Ants, the micro icons of industriousness and organization, apparently can teach us something about how computer networks work and how they can be improved as well. A team at MIT's Computer Science and Artificial Intelligence Laboratory has been studying ants to create a model of analysis of social networks, collective decision making among robot swarms, and communication in decentralized, ad hoc wireless networks.
MIT study confirms a long-held assumption in the scientific community, ants estimate their population density based on the frequency at which they bump into other ants while randomly exploring their environs. This ability appears to be key for several activities, including deciding where the colony establishes a new nest.
"It's intuitive that if a bunch of people are randomly walking around an area, the number of times they bump into each other will be a surrogate of the population density," says Cameron Musco, co-author of a paper on the research. "What we're doing is giving a rigorous analysis behind that intuition, and also saying that the estimate is a very good estimate, rather than some coarse estimate."
The researchers make a parallel between an ant's environment and a grid. An explorer ant starts at some cell of the grid and likely moves to one of the adjacent cells. It is also likely that it then moves to another cell adjacent to the one it departed from, and so on. In technical, statistical language this is called "random walk." The explorer ant counts the number of other ants in all the cells it visits.
Random walk versus random sampling
The study compares the random walk to random sampling, which is when cells are selected from the grid at random and the number of ants in each cell counted. In both cases accuracy improves with each additional sample, but the surprising factor here is that the random walk can reveal the true population density almost as quickly as the tried-and-tested random sampling method does.

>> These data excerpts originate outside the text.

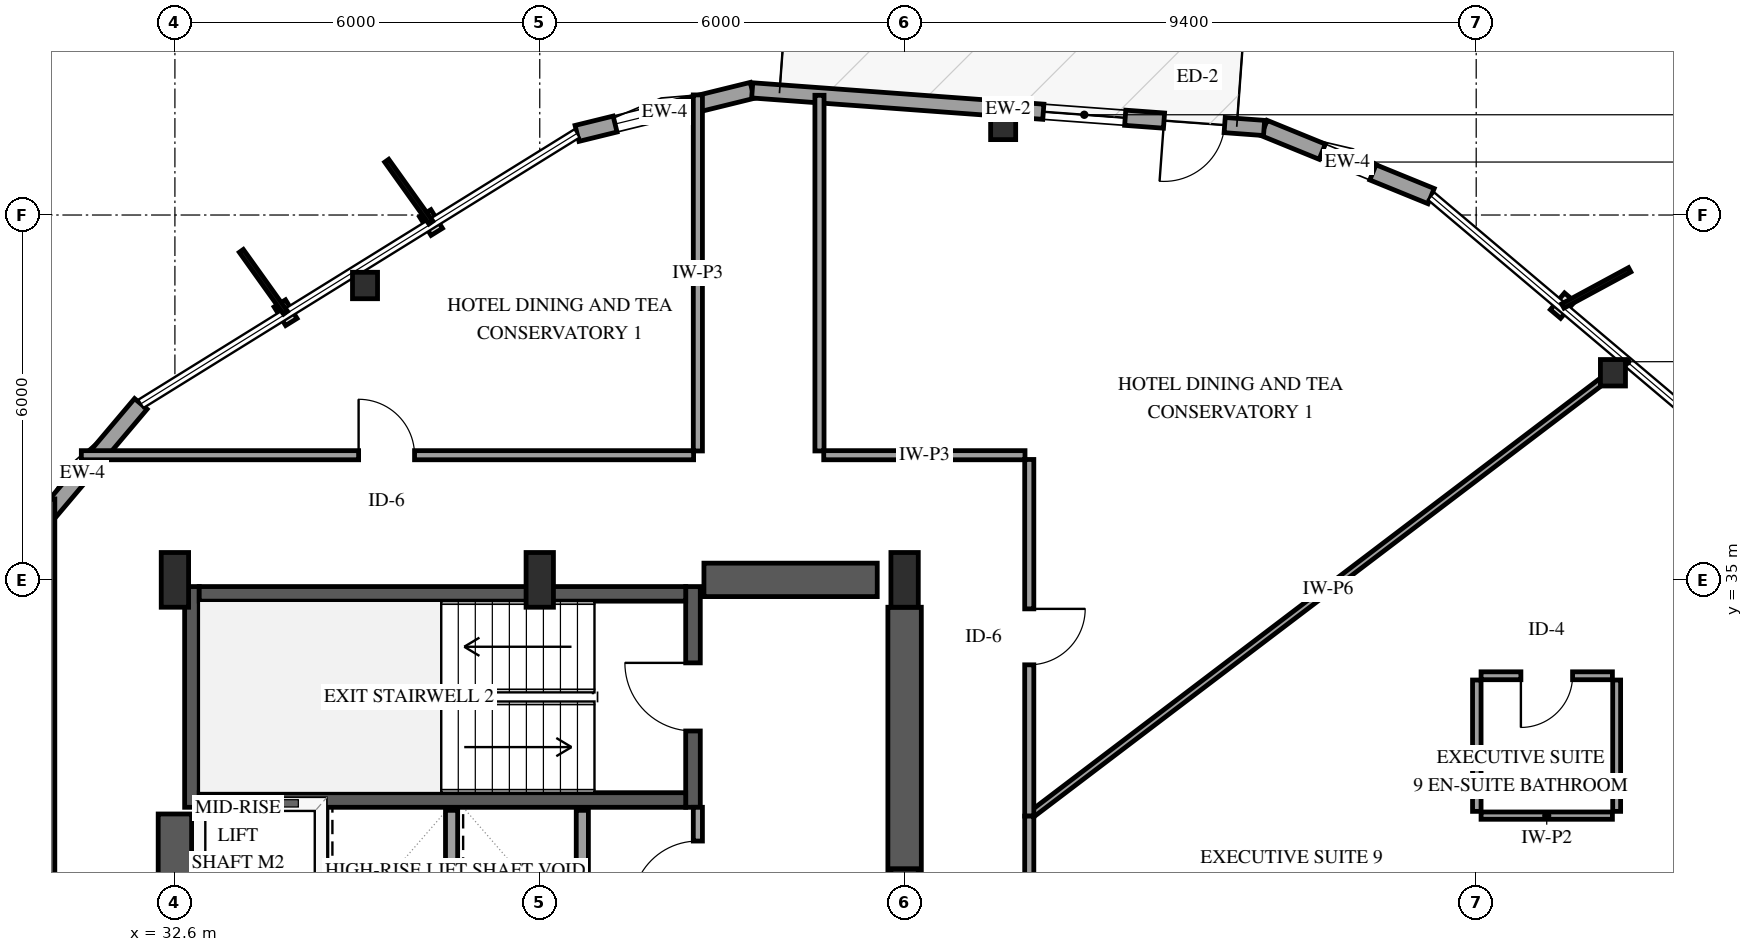
"""IFC4 building model, lengths in metres.
Left out: names, types, materials, properties, quantities, classifications, styles, units other than length and angle.
Written with IfcOpenShell. Run it as: python <this file> out.ifc"""

import sys

from ifc_helpers import new_model, si_unit, direction, frame, frame_2d, origin, origin_2d, place, context, subcontext, project, spatial, rectangle, i_section, extrude, element, fill, save


model = new_model("IFC4")
c1 = context("Model", 3, precision=1e-05, world=origin(), true_north=direction((0.0, 1.0)))
c2 = subcontext(c1, "Body", "Model", "MODEL_VIEW")
j1 = project(units=[si_unit("LENGTHUNIT", "METRE"), si_unit("PLANEANGLEUNIT", "RADIAN")], contexts=[c1])
p1 = place(None, origin())
s1 = spatial("IfcSite", under=j1, at=p1, CompositionType="ELEMENT")
p2 = place(p1, origin())
s2 = spatial("IfcBuilding", under=s1, at=p2, CompositionType="ELEMENT")
p3 = place(p2, frame((0.0, 0.0, 153.4)))
s3 = spatial("IfcBuildingStorey", under=s2, at=p3, CompositionType="ELEMENT", Elevation=153.4)
p4 = place(p3, frame((32.88, 31.26, 0.0), z_axis=(0.0, 0.0, 1.0), x_axis=(0.0, 1.0, 0.0)))
e1 = element("IfcWall", 1, at=p4, inside=s3, PredefinedType="SHEAR", context=c2, shape_type="SweptSolid", body=[
    extrude(rectangle(XDim=3.63, YDim=0.24, at=frame_2d((1.815, 0.0))), origin(), (0.0, 0.0, 1.0), 3.6),
])
p5 = place(p3, frame((41.12, 31.26, 0.0), z_axis=(0.0, 0.0, 1.0), x_axis=(0.0, 1.0, 0.0)))
e2 = element("IfcWall", 2, at=p5, inside=s3, PredefinedType="SHEAR", context=c2, shape_type="SweptSolid", body=[
    extrude(rectangle(XDim=3.63, YDim=0.24, at=frame_2d((1.815, 0.0))), origin(), (0.0, 0.0, 1.0), 3.6),
])
p6 = place(p5, frame((1.255, 0.0, 0.0)))
e3 = element("IfcOpeningElement", 3, at=p6, cuts=e2, PredefinedType="OPENING", context=c2, shape_type="SweptSolid", body=[
    extrude(rectangle(XDim=1.12, YDim=2.15, at=frame_2d((0.56, 1.075))), frame((0.0, 0.13, 0.0), z_axis=(0.0, -1.0, 0.0), x_axis=(1.0, 0.0, 0.0)), (0.0, 0.0, 1.0), 0.26),
])
for number, where, z_axis, x_axis in (
    (4, (33.0, 31.38, 0.0), (0.0, 0.0, 1.0), (1.0, 0.0, 0.0)),
    (5, (33.0, 34.77, 0.0), (0.0, 0.0, 1.0), (1.0, 0.0, 0.0)),
):
    element("IfcWall", number, at=place(p3, frame(where, z_axis=z_axis, x_axis=x_axis)), inside=s3, PredefinedType="SHEAR", context=c2, shape_type="SweptSolid", body=[
        extrude(rectangle(XDim=8.0, YDim=0.24, at=frame_2d((4.0, 0.0))), origin(), (0.0, 0.0, 1.0), 3.6),
    ])
p7 = place(p3, frame((32.6, 18.85, 0.0), z_axis=(0.0, 0.0, 1.0), x_axis=(0.0, 1.0, 0.0)))
e6 = element("IfcWall", 6, at=p7, inside=s3, PredefinedType="SHEAR", context=c2, shape_type="SweptSolid", body=[
    extrude(rectangle(XDim=12.3, YDim=0.55, at=frame_2d((6.15, 0.0))), origin(), (0.0, 0.0, 1.0), 3.6),
])
p8 = place(p3, frame((41.3, 35.0, 0.0), z_axis=(0.0, 0.0, 1.0), x_axis=(1.0, 0.0, 0.0)))
e7 = element("IfcWall", 7, at=p8, inside=s3, PredefinedType="SHEAR", context=c2, shape_type="SweptSolid", body=[
    extrude(rectangle(XDim=2.85, YDim=0.55, at=frame_2d((1.425, 0.0))), origin(), (0.0, 0.0, 1.0), 3.6),
])
p9 = place(p3, frame((44.6, 29.8, 0.0), z_axis=(0.0, 0.0, 1.0), x_axis=(0.0, 1.0, 0.0)))
e8 = element("IfcWall", 8, at=p9, inside=s3, PredefinedType="SHEAR", context=c2, shape_type="SweptSolid", body=[
    extrude(rectangle(XDim=4.75, YDim=0.55, at=frame_2d((2.375, 0.0))), origin(), (0.0, 0.0, 1.0), 3.6),
])
for number, where, z_axis, x_axis in (
    (9, (32.6, 35.0, 0.0), (0.0, 0.0, 1.0), (1.0, 0.0, 0.0)),
    (10, (38.6, 35.0, 0.0), (0.0, 0.0, 1.0), (1.0, 0.0, 0.0)),
    (11, (44.6, 29.8, 0.0), (0.0, 0.0, 1.0), (1.0, 0.0, 0.0)),
    (12, (44.6, 35.0, 0.0), (0.0, 0.0, 1.0), (1.0, 0.0, 0.0)),
):
    element("IfcColumn", number, at=place(p3, frame(where, z_axis=z_axis, x_axis=x_axis)), inside=s3, PredefinedType="PILASTER", context=c2, shape_type="SweptSolid", body=[
        extrude(rectangle(XDim=0.45, YDim=0.9, at=origin_2d()), origin(), (0.0, 0.0, 1.0), 3.6),
    ])
for number, where, z_axis, x_axis in (
    (13, (56.249, 38.406, 0.0), (0.0, 0.0, 1.0), (1.0, 0.0, 0.0)),
    (14, (46.221, 42.458, 0.0), (0.0, 0.0, 1.0), (1.0, 0.0, 0.0)),
    (15, (35.726, 39.841, 0.0), (0.0, 0.0, 1.0), (1.0, 0.0, 0.0)),
):
    element("IfcColumn", number, at=place(p3, frame(where, z_axis=z_axis, x_axis=x_axis)), inside=s3, PredefinedType="COLUMN", context=c2, shape_type="SweptSolid", body=[
        extrude(i_section(OverallWidth=0.412, OverallDepth=0.435, WebThickness=0.036, FlangeThickness=0.057, FilletRadius=0.038, at=origin_2d()), origin(), (0.0, 0.0, 1.0), 3.6),
    ])
p10 = place(p3, frame((53.258, 41.311, 0.0), z_axis=(0.0, 0.0, 1.0), x_axis=(-0.925871735267, 0.377837967699, 0.0)))
e16 = element("IfcWall", 16, at=p10, inside=s3, PredefinedType="SOLIDWALL", context=c2, shape_type="SweptSolid", body=[
    extrude(rectangle(XDim=2.967, YDim=0.27, at=frame_2d((1.483, 0.0))), origin(), (0.0, 0.0, 1.0), 2.679),
])
p11 = place(p10, frame((1.033, 0.0, 0.75)))
e17 = element("IfcOpeningElement", 17, at=p11, cuts=e16, PredefinedType="OPENING", context=c2, shape_type="SweptSolid", body=[
    extrude(rectangle(XDim=0.9, YDim=1.5, at=frame_2d((0.45, 0.75))), frame((0.0, 0.145, 0.0), z_axis=(0.0, -1.0, 0.0), x_axis=(1.0, 0.0, 0.0)), (0.0, 0.0, 1.0), 0.29),
])
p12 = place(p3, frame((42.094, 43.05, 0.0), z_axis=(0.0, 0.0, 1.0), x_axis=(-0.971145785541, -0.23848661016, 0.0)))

The researchers say this is relevant because in many practical cases random sampling is not an option. For instance, in ad hoc networks, a given device knows only the locations of the devices in its immediate vicinity. An algorithm that uses random walks to aggregate information from multiple devices would be much easier to implement than one that has to characterize the network as a whole.
The study then gets interesting for its more counterintuitive findings.
It would be logical to assume that the explorer ant is likely to return to a cell it has already visited, so one given cell would more likely be oversampled than in the case of random samplings. But when the researchers got antsy about oversampled data and tried to filter it out, they found that, instead of improving their algorithm, it made it worse. They offer a theoretical explanation for that.
"If you're randomly walking around a grid, you're not going to bump into everybody, because you're not going to cross the whole grid," Musco says. "So there's somebody on the far side of the grid that I have pretty much a zero percent chance of bumping into. But while I'll bump into those guys less, I'll bump into local guys more. I need to count all my interactions with the local guys to make up for the fact that there are these faraway guys that I'm never going to bump into. It sort of perfectly balances out."
Graph data structure
To model the ants' environment, the researchers used a graph data structure consisting of nodes (circles), and edges, which are the line segments connecting nodes. In the grid, each cell is a node, and it shares edges only with those cells immediately adjacent to it.
If the graph is not very well connected, with just a chain of nodes, each connected only to the two nodes adjacent to it, then oversampling could become a problem, with the explorer stuck in the same set of nodes. But graphs describing communication networks often feature two random walks starting from the same node and then branching out in different directions. This being the case, random walks can offer almost the same level of accuracy as random sampling.
The bigger the number of explorers, the faster an analysis would produce an accurate estimate. "If they were 
robots instead of ants, they could get gains by talking to each other and saying, 'Oh, this is my estimate','" Musco adds.